Hi Folks, Recently i have performed simple test on hadoop cluster. we have a pretty large cluster with so much of data, each datanode is of around 24 TB hdd(12, 2tb disks). let me tell what is the general issue we faced and how did we resolved it.
ISSUE:- 1 or 2 Disk is getting full like 90% and other disks of the same node are between 50-60%, due to which we were getting continuos alerts. Its was getting pain for us becoz it was happening frequently becoz of large size of the cluster.
Resolution:- We have tried some test and finally got successful to cope up with this situation, let me tell what we have performed and how did we resolved it.

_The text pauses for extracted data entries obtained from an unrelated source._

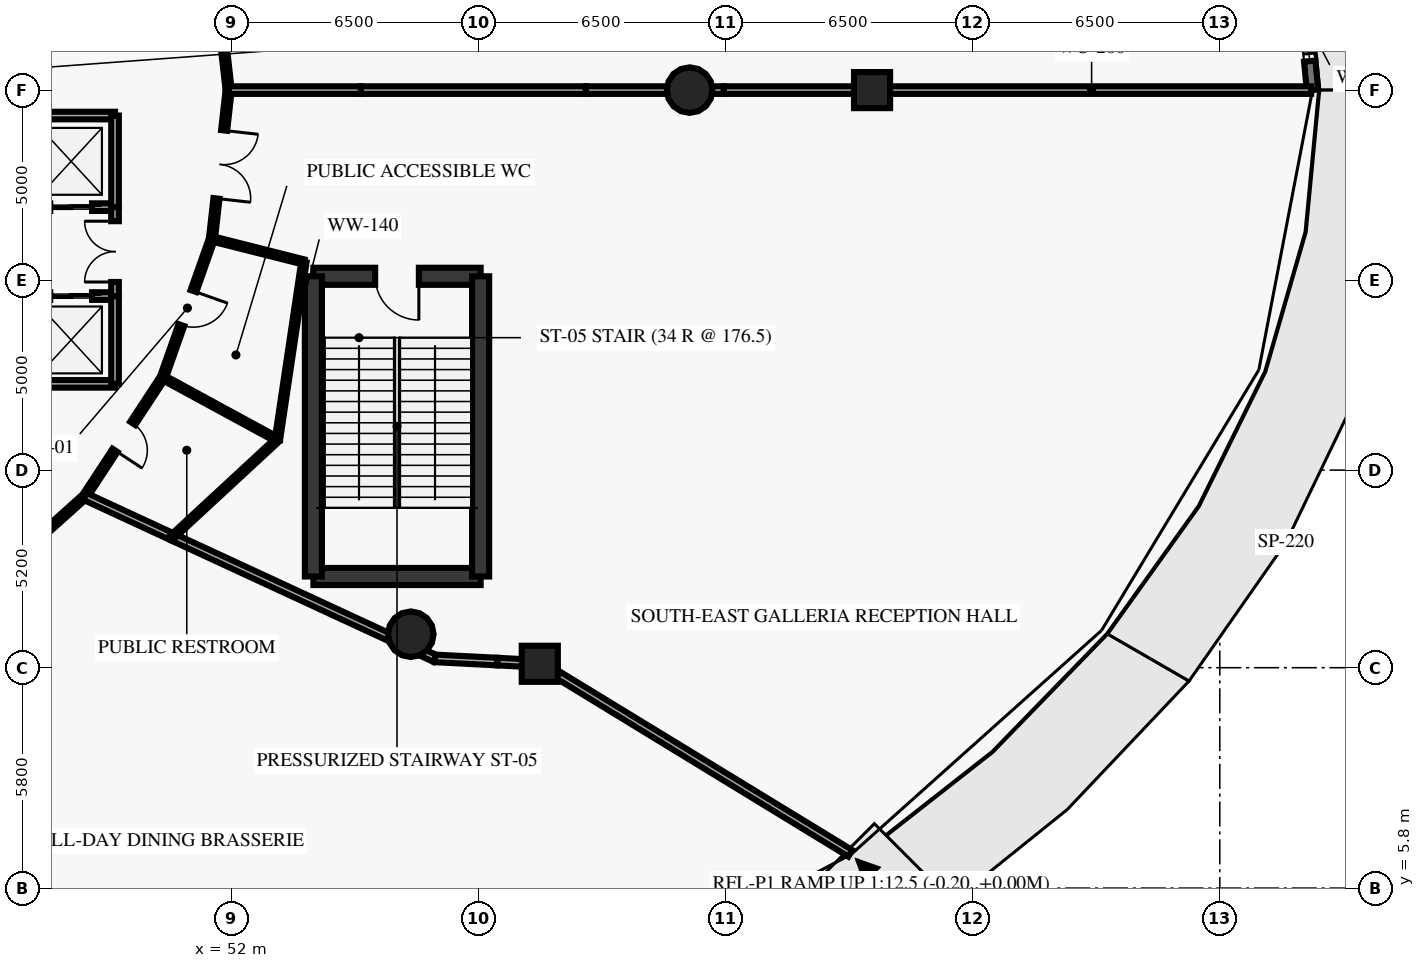
"""IFC4 building model, lengths in metres.
Left out: names, types, materials, properties, quantities, classifications, styles, units other than length and angle.
Written with IfcOpenShell. Run it as: python <this file> out.ifc"""

import sys

from ifc_helpers import new_model, si_unit, direction, frame, frame_2d, origin, origin_2d, place, context, subcontext, project, spatial, rectangle, circle, extrude, element, fill, save


model = new_model("IFC4")
c1 = context("Model", 3, precision=1e-05, world=origin(), true_north=direction((0.0, 1.0)))
c2 = subcontext(c1, "Body", "Model", "MODEL_VIEW")
j1 = project(units=[si_unit("LENGTHUNIT", "METRE"), si_unit("PLANEANGLEUNIT", "RADIAN")], contexts=[c1])
p1 = place(None, origin())
s1 = spatial("IfcSite", under=j1, at=p1, CompositionType="ELEMENT")
p2 = place(p1, origin())
s2 = spatial("IfcBuilding", under=s1, at=p2, CompositionType="ELEMENT")
p3 = place(p2, origin())
s3 = spatial("IfcBuildingStorey", under=s2, at=p3, CompositionType="ELEMENT", Elevation=0.0)
for number, where, z_axis, x_axis in (
    (1, (64.05, 26.8, 0.0), (0.0, 0.0, 1.0), (1.0, 0.0, 0.0)),
    (2, (56.713, 12.481, 0.0), (0.0, 0.0, 1.0), (1.0, 0.0, 0.0)),
):
    element("IfcColumn", number, at=place(p3, frame(where, z_axis=z_axis, x_axis=x_axis)), inside=s3, PredefinedType="COLUMN", context=c2, shape_type="SweptSolid", body=[
        extrude(circle(Radius=0.6, at=origin_2d()), origin(), (0.0, 0.0, 1.0), 5.7),
    ])
for number, where, z_axis, x_axis in (
    (3, (68.85, 26.8, 0.0), (0.0, 0.0, 1.0), (1.0, 0.0, 0.0)),
    (4, (60.107, 11.703, 0.0), (0.0, 0.0, 1.0), (1.0, 0.0, 0.0)),
):
    element("IfcColumn", number, at=place(p3, frame(where, z_axis=z_axis, x_axis=x_axis)), inside=s3, PredefinedType="COLUMN", context=c2, shape_type="SweptSolid", body=[
        extrude(rectangle(XDim=0.95, YDim=0.95, at=origin_2d()), origin(), (0.0, 0.0, 1.0), 5.7),
    ])
p4 = place(p3, frame((80.085, 30.512, 0.0), z_axis=(0.0, 0.0, 1.0), x_axis=(0.09519839492, -0.995458319371, 0.0)))
e5 = element("IfcWall", 5, at=p4, inside=s3, PredefinedType="STANDARD", context=c2, shape_type="SweptSolid", body=[
    extrude(rectangle(XDim=3.729, YDim=0.3, at=frame_2d((1.864, 0.0))), origin(), (0.0, 0.0, 1.0), 5.7),
])
p5 = place(p4, frame((0.964, 0.0, 0.9)))
e6 = element("IfcOpeningElement", 6, at=p5, cuts=e5, PredefinedType="OPENING", context=c2, shape_type="SweptSolid", body=[
    extrude(rectangle(XDim=1.8, YDim=2.4, at=frame_2d((0.9, 1.2))), frame((0.0, 0.16, 0.0), z_axis=(0.0, -1.0, 0.0), x_axis=(1.0, 0.0, 0.0)), (0.0, 0.0, 1.0), 0.32),
])
p6 = place(p4, frame((0.764, 0.0, 3.4)))
e7 = element("IfcOpeningElement", 7, at=p6, cuts=e5, PredefinedType="OPENING", context=c2, shape_type="SweptSolid", body=[
    extrude(rectangle(XDim=2.2, YDim=1.3, at=frame_2d((1.1, 0.65))), frame((0.0, 0.16, 0.0), z_axis=(0.0, -1.0, 0.0), x_axis=(1.0, 0.0, 0.0)), (0.0, 0.0, 1.0), 0.32),
])
p7 = place(p3, frame((54.15, 14.0, 0.0), z_axis=(0.0, 0.0, 1.0), x_axis=(1.0, 0.0, 0.0)))
e8 = element("IfcWall", 8, at=p7, inside=s3, PredefinedType="SHEAR", context=c2, shape_type="SweptSolid", body=[
    extrude(rectangle(XDim=4.4, YDim=0.45, at=frame_2d((2.2, 0.0))), origin(), (0.0, 0.0, 1.0), 5.7),
])
p8 = place(p3, frame((54.15, 21.9, 0.0), z_axis=(0.0, 0.0, 1.0), x_axis=(1.0, 0.0, 0.0)))
e9 = element("IfcWall", 9, at=p8, inside=s3, PredefinedType="SHEAR", context=c2, shape_type="SweptSolid", body=[
    extrude(rectangle(XDim=4.4, YDim=0.45, at=frame_2d((2.2, 0.0))), origin(), (0.0, 0.0, 1.0), 5.7),
])
p9 = place(p8, frame((1.625, 0.0, 0.0)))
e10 = element("IfcOpeningElement", 10, at=p9, cuts=e9, PredefinedType="OPENING", context=c2, shape_type="SweptSolid", body=[
    extrude(rectangle(XDim=1.15, YDim=2.15, at=frame_2d((0.575, 1.075))), frame((0.0, 0.235, 0.0), z_axis=(0.0, -1.0, 0.0), x_axis=(1.0, 0.0, 0.0)), (0.0, 0.0, 1.0), 0.47),
])
for number, where, z_axis, x_axis in (
    (11, (54.15, 14.0, 0.0), (0.0, 0.0, 1.0), (0.0, 1.0, 0.0)),
    (12, (58.55, 14.0, 0.0), (0.0, 0.0, 1.0), (0.0, 1.0, 0.0)),
):
    element("IfcWall", number, at=place(p3, frame(where, z_axis=z_axis, x_axis=x_axis)), inside=s3, PredefinedType="SHEAR", context=c2, shape_type="SweptSolid", body=[
        extrude(rectangle(XDim=7.9, YDim=0.45, at=frame_2d((3.95, 0.0))), origin(), (0.0, 0.0, 1.0), 5.7),
    ])
p10 = place(p3, frame((46.62, 23.72, 0.0), z_axis=(0.0, 0.0, 1.0), x_axis=(1.0, 0.0, 0.0)))
e13 = element("IfcWall", 13, at=p10, inside=s3, PredefinedType="SOLIDWALL", context=c2, shape_type="SweptSolid", body=[
    extrude(rectangle(XDim=2.31, YDim=0.2, at=frame_2d((1.155, 0.0))), origin(), (0.0, 0.0, 1.0), 5.7),
])
p11 = place(p10, frame((0.605, 0.0, 0.0)))
e14 = element("IfcOpeningElement", 14, at=p11, cuts=e13, PredefinedType="OPENING", context=c2, shape_type="SweptSolid", body=[
    extrude(rectangle(XDim=1.1, YDim=2.15, at=frame_2d((0.55, 1.075))), frame((0.0, 0.11, 0.0), z_axis=(0.0, -1.0, 0.0), x_axis=(1.0, 0.0, 0.0)), (0.0, 0.0, 1.0), 0.22),
])
p12 = place(p3, frame((46.62, 26.13, 0.0), z_axis=(0.0, 0.0, 1.0), x_axis=(1.0, 0.0, 0.0)))
e15 = element("IfcWall", 15, at=p12, inside=s3, PredefinedType="SOLIDWALL", context=c2, shape_type="SweptSolid", body=[
    extrude(rectangle(XDim=2.31, YDim=0.2, at=frame_2d((1.155, 0.0))), origin(), (0.0, 0.0, 1.0), 5.7),
])
p13 = place(p3, frame((48.93, 23.72, 0.0), z_axis=(0.0, 0.0, 1.0), x_axis=(0.0, 1.0, 0.0)))
e16 = element("IfcWall", 16, at=p13, inside=s3, PredefinedType="SOLIDWALL", context=c2, shape_type="SweptSolid", body=[
    extrude(rectangle(XDim=2.41, YDim=0.2, at=frame_2d((1.205, 0.0))), origin(), (0.0, 0.0, 1.0), 5.7),
])
p14 = place(p3, frame((46.62, 19.07, 0.0), z_axis=(0.0, 0.0, 1.0), x_axis=(1.0, 0.0, 0.0)))
e17 = element("IfcWall", 17, at=p14, inside=s3, PredefinedType="SOLIDWALL", context=c2, shape_type="SweptSolid", body=[
    extrude(rectangle(XDim=2.31, YDim=0.2, at=frame_2d((1.155, 0.0))), origin(), (0.0, 0.0, 1.0), 5.7),
])
p15 = place(p3, frame((46.62, 21.38, 0.0), z_axis=(0.0, 0.0, 1.0), x_axis=(1.0, 0.0, 0.0)))
e18 = element("IfcWall", 18, at=p15, inside=s3, PredefinedType="SOLIDWALL", context=c2, shape_type="SweptSolid", body=[
    extrude(rectangle(XDim=2.31, YDim=0.2, at=frame_2d((1.155, 0.0))), origin(), (0.0, 0.0, 1.0), 5.7),
])
p16 = place(p15, frame((0.605, 0.0, 0.0)))
e19 = element("IfcOpeningElement", 19, at=p16, cuts=e18, PredefinedType="OPENING", context=c2, shape_type="SweptSolid", body=[
    extrude(rectangle(XDim=1.1, YDim=2.15, at=frame_2d((0.55, 1.075))), frame((0.0, 0.11, 0.0), z_axis=(0.0, -1.0, 0.0), x_axis=(1.0, 0.0, 0.0)), (0.0, 0.0, 1.0), 0.22),
])
p17 = place(p3, frame((48.93, 19.07, 0.0), z_axis=(0.0, 0.0, 1.0), x_axis=(0.0, 1.0, 0.0)))
e20 = element("IfcWall", 20, at=p17, inside=s3, PredefinedType="SOLIDWALL", context=c2, shape_type="SweptSolid", body=[
    extrude(rectangle(XDim=2.31, YDim=0.2, at=frame_2d((1.155, 0.0))), origin(), (0.0, 0.0, 1.0), 5.7),
])
p18 = place(p3, frame((48.93, 23.72, 0.0), z_axis=(0.0, 0.0, 1.0), x_axis=(0.0, -1.0, 0.0)))
e21 = element("IfcWall", 21, at=p18, inside=s3, PredefinedType="SOLIDWALL", context=c2, shape_type="SweptSolid", body=[
    extrude(rectangle(XDim=2.34, YDim=0.2, at=frame_2d((1.17, 0.0))), origin(), (0.0, 0.0, 1.0), 5.7),
])
p19 = place(p18, frame((0.37, 0.0, 0.0)))
e22 = element("IfcOpeningElement", 22, at=p19, cuts=e21, PredefinedType="OPENING", context=c2, shape_type="SweptSolid", body=[
    extrude(rectangle(XDim=1.6, YDim=2.2, at=frame_2d((0.8, 1.1))), frame((0.0, 0.11, 0.0), z_axis=(0.0, -1.0, 0.0), x_axis=(1.0, 0.0, 0.0)), (0.0, 0.0, 1.0), 0.22),
])
p20 = place(p3, frame((51.92, 26.8, 0.0), z_axis=(0.0, 0.0, 1.0), x_axis=(-0.111731247657, 0.993738460711, 0.0)))
e23 = element("IfcWall", 23, at=p20, inside=s3, PredefinedType="PARTITIONING", context=c2, shape_type="SweptSolid", body=[
    extrude(rectangle(XDim=3.938, YDim=0.16, at=frame_2d((1.969, 0.0))), origin(), (0.0, 0.0, 1.0), 5.7),
])
p21 = place(p3, frame((45.46, 13.706, 0.0), z_axis=(0.0, 0.0, 1.0), x_axis=(0.744066617248, 0.668105432621, 0.0)))
e24 = element("IfcWall", 24, at=p21, inside=s3, PredefinedType="PARTITIONING", context=c2, shape_type="SweptSolid", body=[
    extrude(rectangle(XDim=3.596, YDim=0.16, at=frame_2d((1.798, 0.0))), origin(), (0.0, 0.0, 1.0), 5.7),
])
p22 = place(p3, frame((50.189, 19.24, 0.0), z_axis=(0.0, 0.0, 1.0), x_axis=(-0.548318837904, -0.836269365694, 0.0)))
e25 = element("IfcWall", 25, at=p22, inside=s3, PredefinedType="PARTITIONING", context=c2, shape_type="SweptSolid", body=[
    extrude(rectangle(XDim=3.744, YDim=0.16, at=frame_2d((1.872, 0.0))), origin(), (0.0, 0.0, 1.0), 5.7),
])
p23 = place(p22, frame((1.447, 0.0, 0.0)))
e26 = element("IfcOpeningElement", 26, at=p23, cuts=e25, PredefinedType="OPENING", context=c2, shape_type="SweptSolid", body=[
    extrude(rectangle(XDim=0.85, YDim=2.1, at=frame_2d((0.425, 1.05))), frame((0.0, 0.09, 0.0), z_axis=(0.0, -1.0, 0.0), x_axis=(1.0, 0.0, 0.0)), (0.0, 0.0, 1.0), 0.18),
])
p24 = place(p3, frame((51.48, 22.887, 0.0), z_axis=(0.0, 0.0, 1.0), x_axis=(-0.333704620558, -0.942677689467, 0.0)))
e27 = element("IfcWall", 27, at=p24, inside=s3, PredefinedType="PARTITIONING", context=c2, shape_type="SweptSolid", body=[
    extrude(rectangle(XDim=3.869, YDim=0.16, at=frame_2d((1.934, 0.0))), origin(), (0.0, 0.0, 1.0), 5.7),
])
p25 = place(p24, frame((1.459, 0.0, 0.0)))
e28 = element("IfcOpeningElement", 28, at=p25, cuts=e27, PredefinedType="OPENING", context=c2, shape_type="SweptSolid", body=[
    extrude(rectangle(XDim=0.95, YDim=2.1, at=frame_2d((0.475, 1.05))), frame((0.0, 0.09, 0.0), z_axis=(0.0, -1.0, 0.0), x_axis=(1.0, 0.0, 0.0)), (0.0, 0.0, 1.0), 0.18),
])
p26 = place(p3, frame((51.92, 26.8, 0.0), z_axis=(0.0, 0.0, 1.0), x_axis=(-0.111724363671, -0.99373923469, 0.0)))
e29 = element("IfcWall", 29, at=p26, inside=s3, PredefinedType="PARTITIONING", context=c2, shape_type="SweptSolid", body=[
    extrude(rectangle(XDim=3.938, YDim=0.16, at=frame_2d((1.969, 0.0))), origin(), (0.0, 0.0, 1.0), 5.7),
])
p27 = place(p26, frame((1.069, 0.0, 0.0)))
e30 = element("IfcOpeningElement", 30, at=p27, cuts=e29, PredefinedType="OPENING", context=c2, shape_type="SweptSolid", body=[
    extrude(rectangle(XDim=1.8, YDim=2.3, at=frame_2d((0.9, 1.15))), frame((0.0, 0.09, 0.0), z_axis=(0.0, -1.0, 0.0), x_axis=(1.0, 0.0, 0.0)), (0.0, 0.0, 1.0), 0.18),
])
p28 = place(p3, frame((51.92, 26.8, 0.0), z_axis=(0.0, 0.0, 1.0), x_axis=(1.0, 0.0, 0.0)))
e31 = element("IfcWall", 31, at=p28, inside=s3, PredefinedType="PARTITIONING", context=c2, shape_type="SweptSolid", body=[
    extrude(rectangle(XDim=3.48, YDim=0.2, at=frame_2d((1.74, 0.0))), origin(), (0.0, 0.0, 1.0), 5.7),
])
p29 = place(p3, frame((55.4, 26.8, 0.0), z_axis=(0.0, 0.0, 1.0), x_axis=(1.0, 0.0, 0.0)))
e32 = element("IfcWall", 32, at=p29, inside=s3, PredefinedType="PARTITIONING", context=c2, shape_type="SweptSolid", body=[
    extrude(rectangle(XDim=5.917, YDim=0.2, at=frame_2d((2.958, 0.0))), origin(), (0.0, 0.0, 1.0), 5.7),
])
p30 = place(p3, frame((61.317, 26.8, 0.0), z_axis=(0.0, 0.0, 1.0), x_axis=(1.0, 0.0, 0.0)))
e33 = element("IfcWall", 33, at=p30, inside=s3, PredefinedType="PARTITIONING", context=c2, shape_type="SweptSolid", body=[
    extrude(rectangle(XDim=3.633, YDim=0.2, at=frame_2d((1.816, 0.0))), origin(), (0.0, 0.0, 1.0), 4.66),
])
p31 = place(p3, frame((64.95, 26.8, 0.0), z_axis=(0.0, 0.0, 1.0), x_axis=(1.0, 0.0, 0.0)))
e34 = element("IfcWall", 34, at=p31, inside=s3, PredefinedType="PARTITIONING", context=c2, shape_type="SweptSolid", body=[
    extrude(rectangle(XDim=3.9, YDim=0.2, at=frame_2d((1.95, 0.0))), origin(), (0.0, 0.0, 1.0), 5.24),
])
p32 = place(p3, frame((68.85, 26.8, 0.0), z_axis=(0.0, 0.0, 1.0), x_axis=(1.0, 0.0, 0.0)))
e35 = element("IfcWall", 35, at=p32, inside=s3, PredefinedType="PARTITIONING", context=c2, shape_type="SweptSolid", body=[
    extrude(rectangle(XDim=11.555, YDim=0.2, at=frame_2d((5.777, 0.0))), origin(), (0.0, 0.0, 1.0), 5.7),
])
p33 = place(p3, frame((48.136, 16.109, 0.0), z_axis=(0.0, 0.0, 1.0), x_axis=(0.907508335547, -0.420034071133, 0.0)))
e36 = element("IfcWall", 36, at=p33, inside=s3, PredefinedType="PARTITIONING", context=c2, shape_type="SweptSolid", body=[
    extrude(rectangle(XDim=2.538, YDim=0.2, at=frame_2d((1.269, 0.0))), origin(), (0.0, 0.0, 1.0), 5.7),
])
p34 = place(p3, frame((50.439, 15.043, 0.0), z_axis=(0.0, 0.0, 1.0), x_axis=(0.907524397356, -0.419999366908, 0.0)))
e37 = element("IfcWall", 37, at=p34, inside=s3, PredefinedType="PARTITIONING", context=c2, shape_type="SweptSolid", body=[
    extrude(rectangle(XDim=7.614, YDim=0.2, at=frame_2d((3.807, 0.0))), origin(), (0.0, 0.0, 1.0), 5.7),
])
p35 = place(p3, frame((57.349, 11.845, 0.0), z_axis=(0.0, 0.0, 1.0), x_axis=(0.998692725363, -0.051115949639, 0.0)))
e38 = element("IfcWall", 38, at=p35, inside=s3, PredefinedType="PARTITIONING", context=c2, shape_type="SweptSolid", body=[
    extrude(rectangle(XDim=1.643, YDim=0.2, at=frame_2d((0.822, 0.0))), origin(), (0.0, 0.0, 1.0), 5.7),
])
p36 = place(p3, frame((58.99, 11.761, 0.0), z_axis=(0.0, 0.0, 1.0), x_axis=(0.998649603439, -0.051951607785, 0.0)))
e39 = element("IfcWall", 39, at=p36, inside=s3, PredefinedType="PARTITIONING", context=c2, shape_type="SweptSolid", body=[
    extrude(rectangle(XDim=1.118, YDim=0.2, at=frame_2d((0.559, 0.0))), origin(), (0.0, 0.0, 1.0), 5.24),
])
p37 = place(p3, frame((60.107, 11.703, 0.0), z_axis=(0.0, 0.0, 1.0), x_axis=(0.853545862143, -0.5210177168, 0.0)))
e40 = element("IfcWall", 40, at=p37, inside=s3, PredefinedType="PARTITIONING", context=c2, shape_type="SweptSolid", body=[
    extrude(rectangle(XDim=9.573, YDim=0.2, at=frame_2d((4.787, 0.0))), origin(), (0.0, 0.0, 1.0), 5.7),
])
p38 = place(p3, frame((50.189, 19.24, 0.0), z_axis=(0.0, 0.0, 1.0), x_axis=(0.878392721738, -0.477939563541, 0.0)))
e41 = element("IfcWall", 41, at=p38, inside=s3, PredefinedType="PARTITIONING", context=c2, shape_type="SweptSolid", body=[
    extrude(rectangle(XDim=3.431, YDim=0.14, at=frame_2d((1.716, 0.0))), origin(), (0.0, 0.0, 1.0), 5.7),
])
p39 = place(p3, frame((51.48, 22.887, 0.0), z_axis=(0.0, 0.0, 1.0), x_axis=(0.969564374521, -0.244836524357, 0.0)))
e42 = element("IfcWall", 42, at=p39, inside=s3, PredefinedType="PARTITIONING", context=c2, shape_type="SweptSolid", body=[
    extrude(rectangle(XDim=2.496, YDim=0.14, at=frame_2d((1.248, 0.0))), origin(), (0.0, 0.0, 1.0), 5.7),
])
p40 = place(p3, frame((50.439, 15.043, 0.0), z_axis=(0.0, 0.0, 1.0), x_axis=(0.734032370371, 0.679114481695, 0.0)))
e43 = element("IfcWall", 43, at=p40, inside=s3, PredefinedType="PARTITIONING", context=c2, shape_type="SweptSolid", body=[
    extrude(rectangle(XDim=3.765, YDim=0.14, at=frame_2d((1.883, 0.0))), origin(), (0.0, 0.0, 1.0), 5.7),
])
p41 = place(p3, frame((53.203, 17.6, 0.0), z_axis=(0.0, 0.0, 1.0), x_axis=(0.147441370436, 0.989070797407, 0.0)))
e44 = element("IfcWall", 44, at=p41, inside=s3, PredefinedType="PARTITIONING", context=c2, shape_type="SweptSolid", body=[
    extrude(rectangle(XDim=4.728, YDim=0.14, at=frame_2d((2.364, 0.0))), origin(), (0.0, 0.0, 1.0), 5.7),
])
p42 = place(p5, origin())
e45 = element("IfcWindow", 45, at=p42, inside=s3, PartitioningType="DOUBLE_PANEL_VERTICAL", PredefinedType="WINDOW", context=c2, shape_type="SweptSolid", body=[
    extrude(rectangle(XDim=1.8, YDim=2.4, at=frame_2d((0.9, 1.2))), frame((0.0, 0.03, 0.0), z_axis=(0.0, -1.0, 0.0), x_axis=(1.0, 0.0, 0.0)), (0.0, 0.0, 1.0), 0.06),
])
fill(e6, e45)
p43 = place(p6, origin())
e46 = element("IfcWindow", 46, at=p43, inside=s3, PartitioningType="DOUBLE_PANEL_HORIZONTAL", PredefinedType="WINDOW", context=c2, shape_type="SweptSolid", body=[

1. I have created a text file of 142mb with 10000000 records and copied it into hdfs.
2. Set its replication factor to 1 so that only one replication would be present on the cluster.
3. Now run fsck to check the location of its block on the datanode.
4. Check the host where it is present and found that its present on ricks-04 node
5. now i have to login into that node and find the block and mv it to another disks at the same path.
6. Now again search the block so that its confirmed that there is no other replication is present and its copied to new location which is disk5.
7. Now run the fsck so that it register its new location to the namenode.
8. Now again run the hdfs command and check the count of the file if its giving the right count that its get register with the namenode if it not giving the right count then wait for sometime and try again.
ISSUE:- 1 or 2 Disk is getting full like 90% and other disks of the same node are between 50-60%, due to which we were getting continuos alerts. Its was getting pain for us becoz it was happening frequently becoz of large size of the cluster.
Resolution:- We have tried some test and finally got successful to cope up with this situation, let me tell what we have performed and how did we resolved it.
1. I have created a text file of 142mb with 10000000 records and copied it into hdfs.
[hdfs@ricks-01 13:21:01 ~]$ hadoop fs -cat /user/hdfs/file | wc -l
10000000
[hdfs@ricks-01 12:13:07 ~]$ hadoop fs -setrep 1 /user/hdfs/file
Replication 1 set: /user/hdfs/file
[hdfs@ricks-01 12:14:32 ~]$ hadoop fsck /user/hdfs/file -files -blocks -locations
/user/hdfs/file 148888897 bytes, 2 block(s): OK
0. BP-89257919-1406754396842:blk_1073745304_4480 len=134217728 repl=1 [17.170.204.86:1004]
1. BP-89257919-1406754396842:blk_1073745305_4481 len=14671169 repl=1 [17.170.204.86:1004]
[hdfs@ricks-01 12:14:38 ~]$ host 17.170.204.86
86.204.170.17.in-addr.arpa domain name pointer ricks-04.
[hdfs@ricks-04 12:15:55 ~]$ find /ngs*/app/hdfs/hadoop/ -name blk_1073745305
/disk2/hdfs/dfs/dn/current/BP-89257919-1406754396842/current/finalized/blk_1073745305
[hdfs@ricks-04 12:16:03 ~]$ mv /disk2/hdfs/dfs/dn/current/BP-89257919-1406754396842/current/finalized/blk_1073745305* /disk5/hdfs/dfs/dn/current/BP-89257919-1406754396842/current/finalized/
[hdfs@ricks-04 12:17:48 ~]$ find /disk*/hdfs/ -name blk_1073745305*
/disk5/hdfs/dfs/dn/current/BP-89257919-1406754396842/current/finalized/blk_1073745305
/disk5/hdfs/dfs/dn/current/BP-89257919-1406754396842/current/finalized/blk_1073745305_4481.meta
[hdfs@ricks-01 13:02:21 ~]$ hadoop fsck /user/hdfs/file -files -blocks -locations
/user/hdfs/file 148888897 bytes, 2 block(s): OK
0. BP-89257919-1406754396842:blk_1073745304_4480 len=134217728 repl=1 [17.170.204.86:1004]
1. BP-89257919-1406754396842:blk_1073745305_4481 len=14671169 repl=1 [17.170.204.86:1004]
[hdfs@ricks-01 13:21:01 ~]$ hadoop fs -cat /user/hdfs/file | wc -l
10000000
Point to remember
- Be Extra careful while moving the block from one place to another, you might want to take backup before moving it.
- sure that there is not jobs running on it at that point of time, you can kill the TT before doing that.
- You can restart your datanode service, after performing this test.